To be sure, when Jimmy Stewart flickered across the screen, there was no great transformation in the crowd; derisive comments and the occasional snicker could still be heard from time to time. When Jimmy went on a rampage, punching out the members of the press who had misrepresented his wholesome comments, a general disbelief could be felt in the air; and in the dramatic pause after he had been abused to his face by those same cynical reporters, when his whole face was trembling with anger and disillusionment, the guy behind us could be heard murmuring, in perfect Jimmy tones, "Aw, gee..."

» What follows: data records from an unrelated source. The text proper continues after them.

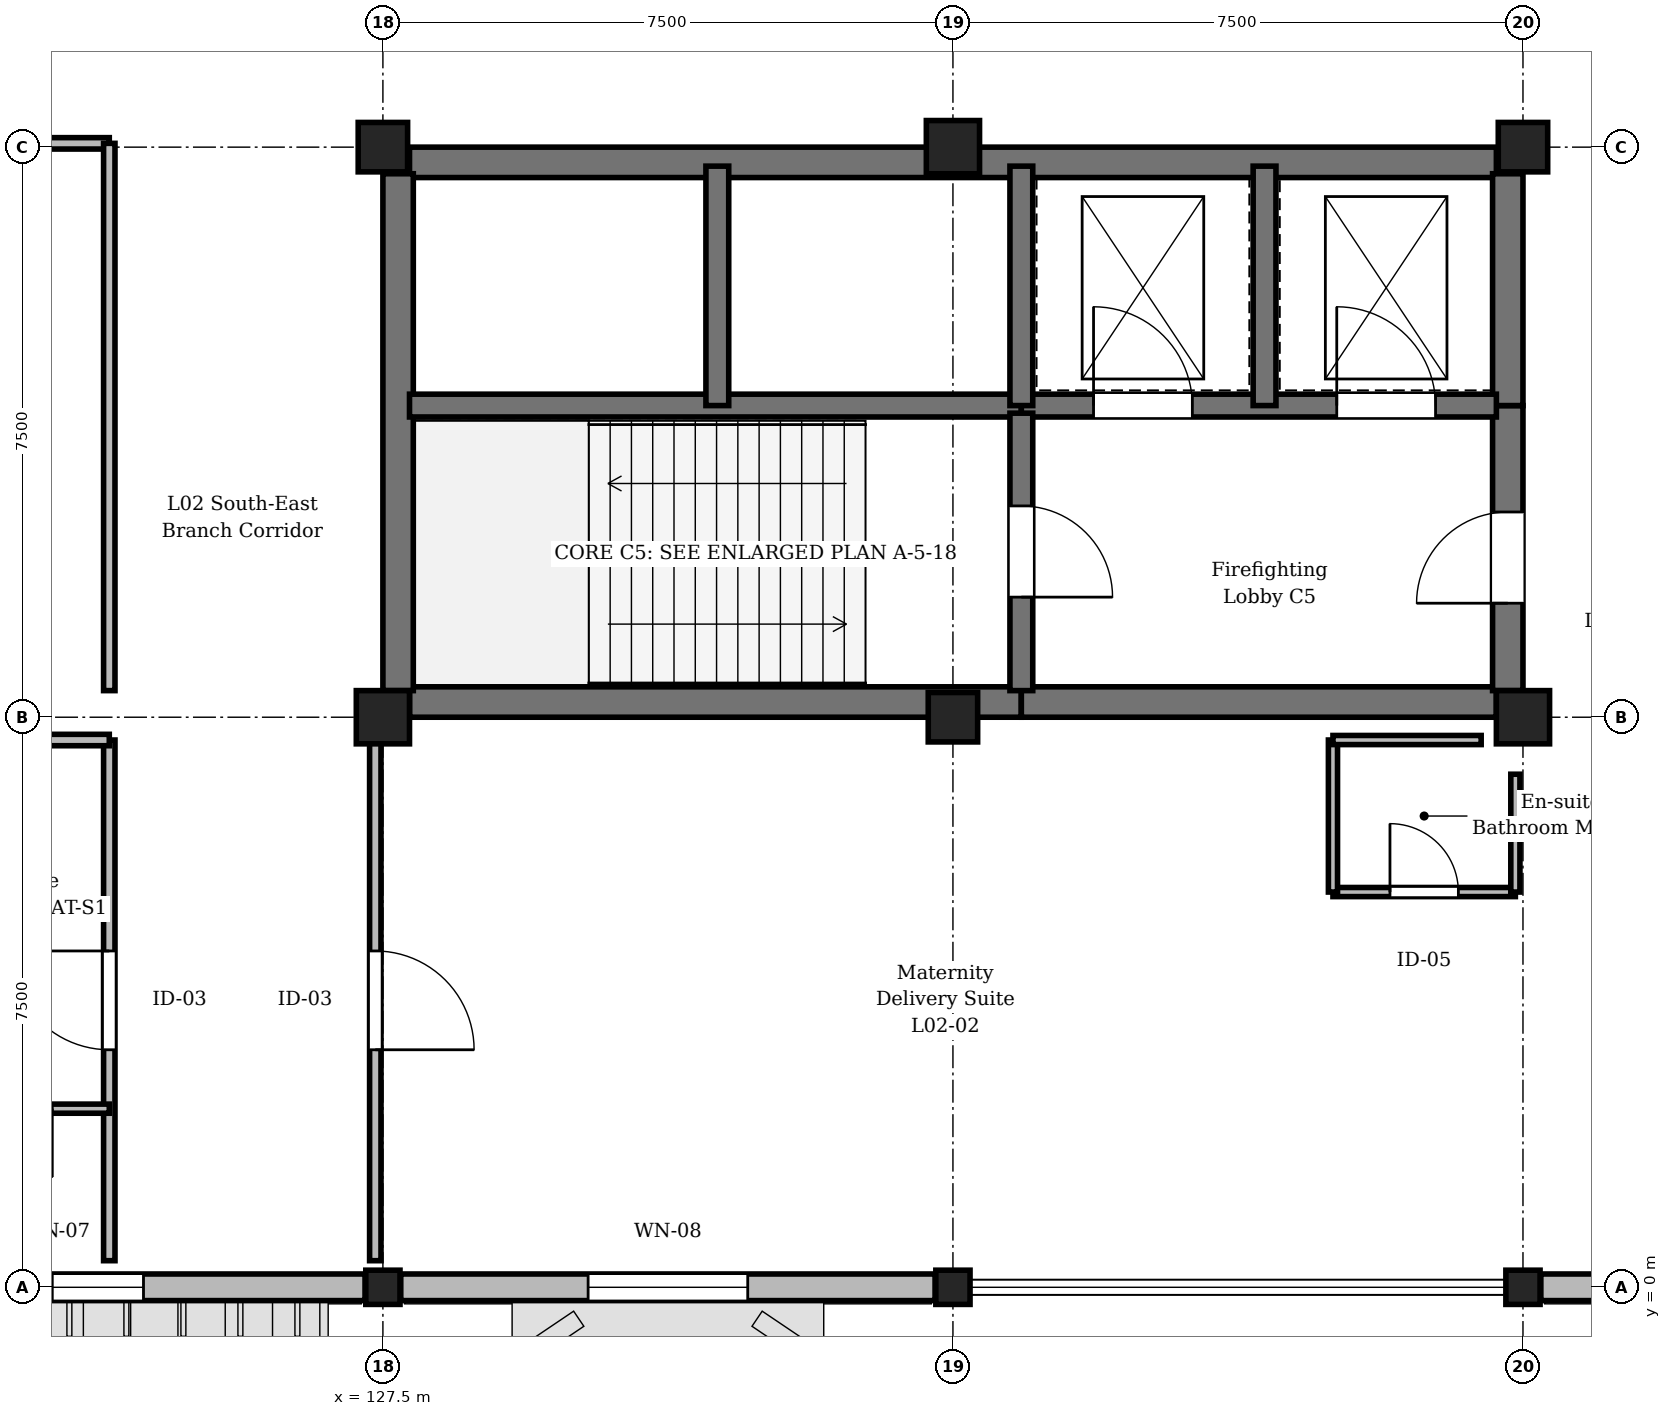
"""IFC4 building model, lengths in metres.
Left out: names, types, materials, properties, quantities, classifications, styles, units other than length and angle.
Written with IfcOpenShell. Run it as: python <this file> out.ifc"""

import sys

from ifc_helpers import new_model, si_unit, direction, frame, frame_2d, origin, origin_2d, place, context, subcontext, project, spatial, rectangle, extrude, element, fill, save


model = new_model("IFC4")
c1 = context("Model", 3, precision=1e-05, world=origin(), true_north=direction((0.0, 1.0)))
c2 = subcontext(c1, "Body", "Model", "MODEL_VIEW")
j1 = project(units=[si_unit("LENGTHUNIT", "METRE"), si_unit("PLANEANGLEUNIT", "RADIAN")], contexts=[c1])
p1 = place(None, origin())
s1 = spatial("IfcSite", under=j1, at=p1, CompositionType="ELEMENT")
p2 = place(p1, origin())
s2 = spatial("IfcBuilding", under=s1, at=p2, CompositionType="ELEMENT")
p3 = place(p2, frame((0.0, 0.0, 9.3)))
s3 = spatial("IfcBuildingStorey", under=s2, at=p3, CompositionType="ELEMENT", Elevation=9.3)
p4 = place(p3, frame((127.5, 0.0, 0.0), z_axis=(0.0, 0.0, 1.0), x_axis=(1.0, 0.0, 0.0)))
e1 = element("IfcColumn", 1, at=p4, inside=s3, PredefinedType="COLUMN", context=c2, shape_type="SweptSolid", body=[
    extrude(rectangle(XDim=0.45, YDim=0.45, at=origin_2d()), origin(), (0.0, 0.0, 1.0), 4.8),
])
p5 = place(p3, frame((127.5, 7.5, 0.0), z_axis=(0.0, 0.0, 1.0), x_axis=(1.0, 0.0, 0.0)))
e2 = element("IfcColumn", 2, at=p5, inside=s3, PredefinedType="COLUMN", context=c2, shape_type="SweptSolid", body=[
    extrude(rectangle(XDim=0.7, YDim=0.7, at=origin_2d()), origin(), (0.0, 0.0, 1.0), 4.8),
])
p6 = place(p3, frame((127.5, 15.0, 0.0), z_axis=(0.0, 0.0, 1.0), x_axis=(1.0, 0.0, 0.0)))
e3 = element("IfcColumn", 3, at=p6, inside=s3, PredefinedType="COLUMN", context=c2, shape_type="SweptSolid", body=[
    extrude(rectangle(XDim=0.65, YDim=0.65, at=origin_2d()), origin(), (0.0, 0.0, 1.0), 4.8),
])
p7 = place(p3, frame((135.0, 0.0, 0.0), z_axis=(0.0, 0.0, 1.0), x_axis=(1.0, 0.0, 0.0)))
e4 = element("IfcColumn", 4, at=p7, inside=s3, PredefinedType="COLUMN", context=c2, shape_type="SweptSolid", body=[
    extrude(rectangle(XDim=0.45, YDim=0.45, at=origin_2d()), origin(), (0.0, 0.0, 1.0), 4.8),
])
p8 = place(p3, frame((135.0, 7.5, 0.0), z_axis=(0.0, 0.0, 1.0), x_axis=(1.0, 0.0, 0.0)))
e5 = element("IfcColumn", 5, at=p8, inside=s3, PredefinedType="COLUMN", context=c2, shape_type="SweptSolid", body=[
    extrude(rectangle(XDim=0.65, YDim=0.65, at=origin_2d()), origin(), (0.0, 0.0, 1.0), 4.8),
])
p9 = place(p3, frame((135.0, 15.0, 0.0), z_axis=(0.0, 0.0, 1.0), x_axis=(1.0, 0.0, 0.0)))
e6 = element("IfcColumn", 6, at=p9, inside=s3, PredefinedType="COLUMN", context=c2, shape_type="SweptSolid", body=[
    extrude(rectangle(XDim=0.7, YDim=0.7, at=origin_2d()), origin(), (0.0, 0.0, 1.0), 4.8),
])
p10 = place(p3, frame((142.5, 0.0, 0.0), z_axis=(0.0, 0.0, 1.0), x_axis=(1.0, 0.0, 0.0)))
e7 = element("IfcColumn", 7, at=p10, inside=s3, PredefinedType="COLUMN", context=c2, shape_type="SweptSolid", body=[
    extrude(rectangle(XDim=0.45, YDim=0.45, at=origin_2d()), origin(), (0.0, 0.0, 1.0), 4.8),
])
p11 = place(p3, frame((142.5, 7.5, 0.0), z_axis=(0.0, 0.0, 1.0), x_axis=(1.0, 0.0, 0.0)))
e8 = element("IfcColumn", 8, at=p11, inside=s3, PredefinedType="COLUMN", context=c2, shape_type="SweptSolid", body=[
    extrude(rectangle(XDim=0.7, YDim=0.7, at=origin_2d()), origin(), (0.0, 0.0, 1.0), 4.8),
])
p12 = place(p3, frame((142.5, 15.0, 0.0), z_axis=(0.0, 0.0, 1.0), x_axis=(1.0, 0.0, 0.0)))
e9 = element("IfcColumn", 9, at=p12, inside=s3, PredefinedType="COLUMN", context=c2, shape_type="SweptSolid", body=[
    extrude(rectangle(XDim=0.65, YDim=0.65, at=origin_2d()), origin(), (0.0, 0.0, 1.0), 4.8),
])
p13 = place(p3, frame((127.265, 0.0, 0.0), z_axis=(0.0, 0.0, 1.0), x_axis=(-1.0, 0.0, 0.0)))
e10 = element("IfcWall", 10, at=p13, inside=s3, PredefinedType="STANDARD", context=c2, shape_type="SweptSolid", body=[
    extrude(rectangle(XDim=7.03, YDim=0.35, at=frame_2d((3.515, 0.0))), origin(), (0.0, 0.0, 1.0), 3.95),
])
p14 = place(p13, frame((2.915, 0.0, 0.9)))
e11 = element("IfcOpeningElement", 11, at=p14, cuts=e10, PredefinedType="OPENING", context=c2, shape_type="SweptSolid", body=[
    extrude(rectangle(XDim=1.2, YDim=2.1, at=frame_2d((0.6, 1.05))), frame((0.0, 0.185, 0.0), z_axis=(0.0, -1.0, 0.0), x_axis=(1.0, 0.0, 0.0)), (0.0, 0.0, 1.0), 0.37),
])
p15 = place(p3, frame((134.765, 0.0, 0.0), z_axis=(0.0, 0.0, 1.0), x_axis=(-1.0, 0.0, 0.0)))
e12 = element("IfcWall", 12, at=p15, inside=s3, PredefinedType="STANDARD", context=c2, shape_type="SweptSolid", body=[
    extrude(rectangle(XDim=7.03, YDim=0.35, at=frame_2d((3.515, 0.0))), origin(), (0.0, 0.0, 1.0), 3.95),
])
p16 = place(p15, frame((2.465, 0.0, 0.9)))
e13 = element("IfcOpeningElement", 13, at=p16, cuts=e12, PredefinedType="OPENING", context=c2, shape_type="SweptSolid", body=[
    extrude(rectangle(XDim=2.1, YDim=2.1, at=frame_2d((1.05, 1.05))), frame((0.0, 0.185, 0.0), z_axis=(0.0, -1.0, 0.0), x_axis=(1.0, 0.0, 0.0)), (0.0, 0.0, 1.0), 0.37),
])
p17 = place(p3, frame((149.765, 0.0, 0.0), z_axis=(0.0, 0.0, 1.0), x_axis=(-1.0, 0.0, 0.0)))
e14 = element("IfcWall", 14, at=p17, inside=s3, PredefinedType="STANDARD", context=c2, shape_type="SweptSolid", body=[
    extrude(rectangle(XDim=7.03, YDim=0.35, at=frame_2d((3.515, 0.0))), origin(), (0.0, 0.0, 1.0), 3.95),
])
p18 = place(p17, frame((2.715, 0.0, 0.9)))
e15 = element("IfcOpeningElement", 15, at=p18, cuts=e14, PredefinedType="OPENING", context=c2, shape_type="SweptSolid", body=[
    extrude(rectangle(XDim=1.6, YDim=1.95, at=frame_2d((0.8, 0.975))), frame((0.0, 0.185, 0.0), z_axis=(0.0, -1.0, 0.0), x_axis=(1.0, 0.0, 0.0)), (0.0, 0.0, 1.0), 0.37),
])
p19 = place(p3, frame((127.85, 7.7, 0.0), z_axis=(0.0, 0.0, 1.0), x_axis=(1.0, 0.0, 0.0)))
e16 = element("IfcWall", 16, at=p19, inside=s3, PredefinedType="SHEAR", context=c2, shape_type="SweptSolid", body=[
    extrude(rectangle(XDim=8.05, YDim=0.4, at=frame_2d((4.025, 0.0))), origin(), (0.0, 0.0, 1.0), 4.55),
])
p20 = place(p3, frame((135.9, 7.7, 0.0), z_axis=(0.0, 0.0, 1.0), x_axis=(1.0, 0.0, 0.0)))
e17 = element("IfcWall", 17, at=p20, inside=s3, PredefinedType="SHEAR", context=c2, shape_type="SweptSolid", body=[
    extrude(rectangle(XDim=6.25, YDim=0.4, at=frame_2d((3.125, 0.0))), origin(), (0.0, 0.0, 1.0), 4.55),
])
p21 = place(p3, frame((127.85, 14.8, 0.0), z_axis=(0.0, 0.0, 1.0), x_axis=(1.0, 0.0, 0.0)))
e18 = element("IfcWall", 18, at=p21, inside=s3, PredefinedType="SHEAR", context=c2, shape_type="SweptSolid", body=[
    extrude(rectangle(XDim=14.3, YDim=0.4, at=frame_2d((7.15, 0.0))), origin(), (0.0, 0.0, 1.0), 4.55),
])
p22 = place(p3, frame((127.7, 7.85, 0.0), z_axis=(0.0, 0.0, 1.0), x_axis=(0.0, 1.0, 0.0)))
e19 = element("IfcWall", 19, at=p22, inside=s3, PredefinedType="SHEAR", context=c2, shape_type="SweptSolid", body=[
    extrude(rectangle(XDim=6.8, YDim=0.4, at=frame_2d((3.4, 0.0))), origin(), (0.0, 0.0, 1.0), 4.55),
])
p23 = place(p3, frame((142.3, 7.85, 0.0), z_axis=(0.0, 0.0, 1.0), x_axis=(0.0, 1.0, 0.0)))
e20 = element("IfcWall", 20, at=p23, inside=s3, PredefinedType="SHEAR", context=c2, shape_type="SweptSolid", body=[
    extrude(rectangle(XDim=3.75, YDim=0.4, at=frame_2d((1.875, 0.0))), origin(), (0.0, 0.0, 1.0), 4.55),
])
p24 = place(p23, frame((1.15, 0.0, 0.0)))
e21 = element("IfcOpeningElement", 21, at=p24, cuts=e20, PredefinedType="OPENING", context=c2, shape_type="SweptSolid", body=[
    extrude(rectangle(XDim=1.2, YDim=2.25, at=frame_2d((0.6, 1.125))), frame((0.0, 0.21, 0.0), z_axis=(0.0, -1.0, 0.0), x_axis=(1.0, 0.0, 0.0)), (0.0, 0.0, 1.0), 0.42),
])
p25 = place(p3, frame((142.3, 11.6, 0.0), z_axis=(0.0, 0.0, 1.0), x_axis=(0.0, 1.0, 0.0)))
e22 = element("IfcWall", 22, at=p25, inside=s3, PredefinedType="SHEAR", context=c2, shape_type="SweptSolid", body=[
    extrude(rectangle(XDim=3.05, YDim=0.4, at=frame_2d((1.525, 0.0))), origin(), (0.0, 0.0, 1.0), 4.55),
])
p26 = place(p3, frame((127.85, 11.6, 0.0), z_axis=(0.0, 0.0, 1.0), x_axis=(1.0, 0.0, 0.0)))
e23 = element("IfcWall", 23, at=p26, inside=s3, PredefinedType="SHEAR", context=c2, shape_type="SweptSolid", body=[
    extrude(rectangle(XDim=8.05, YDim=0.3, at=frame_2d((4.025, 0.0))), origin(), (0.0, 0.0, 1.0), 4.55),
])
p27 = place(p3, frame((135.9, 11.6, 0.0), z_axis=(0.0, 0.0, 1.0), x_axis=(1.0, 0.0, 0.0)))
e24 = element("IfcWall", 24, at=p27, inside=s3, PredefinedType="SHEAR", context=c2, shape_type="SweptSolid", body=[
    extrude(rectangle(XDim=6.25, YDim=0.3, at=frame_2d((3.125, 0.0))), origin(), (0.0, 0.0, 1.0), 4.55),
])
p28 = place(p27, frame((0.95, 0.0, 0.0)))
e25 = element("IfcOpeningElement", 25, at=p28, cuts=e24, PredefinedType="OPENING", context=c2, shape_type="SweptSolid", body=[
    extrude(rectangle(XDim=1.3, YDim=2.2, at=frame_2d((0.65, 1.1))), frame((0.0, 0.16, 0.0), z_axis=(0.0, -1.0, 0.0), x_axis=(1.0, 0.0, 0.0)), (0.0, 0.0, 1.0), 0.32),
])
p29 = place(p27, frame((4.15, 0.0, 0.0)))
e26 = element("IfcOpeningElement", 26, at=p29, cuts=e24, PredefinedType="OPENING", context=c2, shape_type="SweptSolid", body=[
    extrude(rectangle(XDim=1.3, YDim=2.2, at=frame_2d((0.65, 1.1))), frame((0.0, 0.16, 0.0), z_axis=(0.0, -1.0, 0.0), x_axis=(1.0, 0.0, 0.0)), (0.0, 0.0, 1.0), 0.32),
])
p30 = place(p3, frame((135.9, 11.5, 0.0), z_axis=(0.0, 0.0, 1.0), x_axis=(0.0, -1.0, 0.0)))
e27 = element("IfcWall", 27, at=p30, inside=s3, PredefinedType="SHEAR", context=c2, shape_type="SweptSolid", body=[
    extrude(rectangle(XDim=3.65, YDim=0.3, at=frame_2d((1.825, 0.0))), origin(), (0.0, 0.0, 1.0), 4.55),
])
p31 = place(p30, frame((1.22, 0.0, 0.0)))
e28 = element("IfcOpeningElement", 28, at=p31, cuts=e27, PredefinedType="OPENING", context=c2, shape_type="SweptSolid", body=[
    extrude(rectangle(XDim=1.2, YDim=2.25, at=frame_2d((0.6, 1.125))), frame((0.0, 0.16, 0.0), z_axis=(0.0, -1.0, 0.0), x_axis=(1.0, 0.0, 0.0)), (0.0, 0.0, 1.0), 0.32),
])
for number, where, z_axis, x_axis in (
    (29, (131.9, 11.6, 0.0), (0.0, 0.0, 1.0), (0.0, 1.0, 0.0)),
    (30, (135.9, 11.6, 0.0), (0.0, 0.0, 1.0), (0.0, 1.0, 0.0)),
    (31, (139.1, 11.6, 0.0), (0.0, 0.0, 1.0), (0.0, 1.0, 0.0)),
):
    element("IfcWall", number, at=place(p3, frame(where, z_axis=z_axis, x_axis=x_axis)), inside=s3, PredefinedType="SHEAR", context=c2, shape_type="SweptSolid", body=[
        extrude(rectangle(XDim=3.15, YDim=0.3, at=frame_2d((1.575, 0.0))), origin(), (0.0, 0.0, 1.0), 4.55),
    ])
p32 = place(p3, frame((123.9, 0.35, 0.0), z_axis=(0.0, 0.0, 1.0), x_axis=(0.0, 1.0, 0.0)))
e32 = element("IfcWall", 32, at=p32, inside=s3, PredefinedType="PARTITIONING", context=c2, shape_type="SweptSolid", body=[
    extrude(rectangle(XDim=6.85, YDim=0.15, at=frame_2d((3.425, 0.0))), origin(), (0.0, 0.0, 1.0), 4.535),
])
p33 = place(p32, frame((2.775, 0.0, 0.0)))
e33 = element("IfcOpeningElement", 33, at=p33, cuts=e32, PredefinedType="OPENING", context=c2, shape_type="SweptSolid", body=[
    extrude(rectangle(XDim=1.3, YDim=2.2, at=frame_2d((0.65, 1.1))), frame((0.0, 0.085, 0.0), z_axis=(0.0, -1.0, 0.0), x_axis=(1.0, 0.0, 0.0)), (0.0, 0.0, 1.0), 0.17),
])
p34 = place(p3, frame((123.9, 2.35, 0.0), z_axis=(0.0, 0.0, 1.0), x_axis=(-1.0, 0.0, 0.0)))
e34 = element("IfcWall", 34, at=p34, inside=s3, PredefinedType="PARTITIONING", context=c2, shape_type="SweptSolid", body=[
    extrude(rectangle(XDim=2.4, YDim=0.12, at=frame_2d((1.2, 0.0))), origin(), (0.0, 0.0, 1.0), 4.535),
])
p35 = place(p34, frame((0.75, 0.0, 0.0)))
e35 = element("IfcOpeningElement", 35, at=p35, cuts=e34, PredefinedType="OPENING", context=c2, shape_type="SweptSolid", body=[
    extrude(rectangle(XDim=0.9, YDim=2.1, at=frame_2d((0.45, 1.05))), frame((0.0, 0.07, 0.0), z_axis=(0.0, -1.0, 0.0), x_axis=(1.0, 0.0, 0.0)), (0.0, 0.0, 1.0), 0.14),
])
p36 = place(p3, frame((127.4, 7.2, 0.0), z_axis=(0.0, 0.0, 1.0), x_axis=(0.0, -1.0, 0.0)))
e36 = element("IfcWall", 36, at=p36, inside=s3, PredefinedType="PARTITIONING", context=c2, shape_type="SweptSolid", body=[
    extrude(rectangle(XDim=6.85, YDim=0.15, at=frame_2d((3.425, 0.0))), origin(), (0.0, 0.0, 1.0), 4.035),
])
p37 = place(p36, frame((2.775, 0.0, 0.0)))
e37 = element("IfcOpeningElement", 37, at=p37, cuts=e36, PredefinedType="OPENING", context=c2, shape_type="SweptSolid", body=[
    extrude(rectangle(XDim=1.3, YDim=2.2, at=frame_2d((0.65, 1.1))), frame((0.0, 0.085, 0.0), z_axis=(0.0, -1.0, 0.0), x_axis=(1.0, 0.0, 0.0)), (0.0, 0.0, 1.0), 0.17),
])
p38 = place(p3, frame((140.0, 5.2, 0.0), z_axis=(0.0, 0.0, 1.0), x_axis=(1.0, 0.0, 0.0)))
e38 = element("IfcWall", 38, at=p38, inside=s3, PredefinedType="PARTITIONING", context=c2, shape_type="SweptSolid", body=[
    extrude(rectangle(XDim=2.4, YDim=0.12, at=frame_2d((1.2, 0.0))), origin(), (0.0, 0.0, 1.0), 4.535),
])
p39 = place(p38, frame((0.75, 0.0, 0.0)))
e39 = element("IfcOpeningElement", 39, at=p39, cuts=e38, PredefinedType="OPENING", context=c2, shape_type="SweptSolid", body=[
    extrude(rectangle(XDim=0.9, YDim=2.1, at=frame_2d((0.45, 1.05))), frame((0.0, 0.07, 0.0), z_axis=(0.0, -1.0, 0.0), x_axis=(1.0, 0.0, 0.0)), (0.0, 0.0, 1.0), 0.14),
])
p40 = place(p3, frame((140.0, 5.2, 0.0), z_axis=(0.0, 0.0, 1.0), x_axis=(0.0, 1.0, 0.0)))
e40 = element("IfcWall", 40, at=p40, inside=s3, PredefinedType="PARTITIONING", context=c2, shape_type="SweptSolid", body=[
    extrude(rectangle(XDim=2.0, YDim=0.12, at=frame_2d((1.0, 0.0))), origin(), (0.0, 0.0, 1.0), 4.535),
])
p41 = place(p3, frame((123.9, 15.05, 0.0), z_axis=(0.0, 0.0, 1.0), x_axis=(-1.0, 0.0, 0.0)))
e41 = element("IfcWall", 41, at=p41, inside=s3, PredefinedType="PARTITIONING", context=c2, shape_type="SweptSolid", body=[
    extrude(rectangle(XDim=11.05, YDim=0.15, at=frame_2d((5.525, 0.0))), origin(), (0.0, 0.0, 1.0), 3.985),
])
p42 = place(p41, frame((6.76, 0.0, 0.0)))
e42 = element("IfcOpeningElement", 42, at=p42, cuts=e41, PredefinedType="OPENING", context=c2, shape_type="SweptSolid", body=[
    extrude(rectangle(XDim=1.25, YDim=2.2, at=frame_2d((0.625, 1.1))), frame((0.0, 0.085, 0.0), z_axis=(0.0, -1.0, 0.0), x_axis=(1.0, 0.0, 0.0)), (0.0, 0.0, 1.0), 0.17),
])
p43 = place(p3, frame((112.85, 7.2, 0.0), z_axis=(0.0, 0.0, 1.0), x_axis=(1.0, 0.0, 0.0)))
e43 = element("IfcWall", 43, at=p43, inside=s3, PredefinedType="PARTITIONING", context=c2, shape_type="SweptSolid", body=[
    extrude(rectangle(XDim=11.05, YDim=0.15, at=frame_2d((5.525, 0.0))), origin(), (0.0, 0.0, 1.0), 3.985),
])
p44 = place(p3, frame((123.9, 7.85, 0.0), z_axis=(0.0, 0.0, 1.0), x_axis=(0.0, 1.0, 0.0)))
e44 = element("IfcWall", 44, at=p44, inside=s3, PredefinedType="PARTITIONING", context=c2, shape_type="SweptSolid", body=[
    extrude(rectangle(XDim=7.2, YDim=0.15, at=frame_2d((3.6, 0.0))), origin(), (0.0, 0.0, 1.0), 4.535),
])
p45 = place(p3, frame((140.0, 7.2, 0.0), z_axis=(0.0, 0.0, 1.0), x_axis=(1.0, 0.0, 0.0)))
e45 = element("IfcWall", 45, at=p45, inside=s3, PredefinedType="PARTITIONING", context=c2, shape_type="SweptSolid", body=[
    extrude(rectangle(XDim=1.95, YDim=0.12, at=frame_2d((0.975, 0.0))), origin(), (0.0, 0.0, 1.0), 3.985),
])
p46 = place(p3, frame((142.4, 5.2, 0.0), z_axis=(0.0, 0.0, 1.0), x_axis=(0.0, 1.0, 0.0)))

But along with this undertone was a clear desire to meet Capra halfway, to be taken in by Senator Smith's crazy idealism. Just like an audience seeing the movie in 1939, this one booed the corrupt party boss, sighed when Jean Arthur confessed her love and cheered when they hypocritical Claude Rains broke down and admitted how right Jimmy had been all along. It wasn't a total transformation; everyone knew that, when the lights went out, they would be walking back to an empty subway in the dark, and the defensive glower would have to return.

But when the move did end, in a peal of applause, something truly amazing happened, for New York: no one got up and started to run for the exit. Just about everyone sat still for the credits, and even for the closing announcements, as though they didn't care about beating the rush. No doubt Frank Capra would have preferred it if everyone had joined in a chorus of "Auld Lang Syne"--but, for this temporary New Yorker, it was a not unimportant thing, a fleeting improvement in the city's ailing quality of life.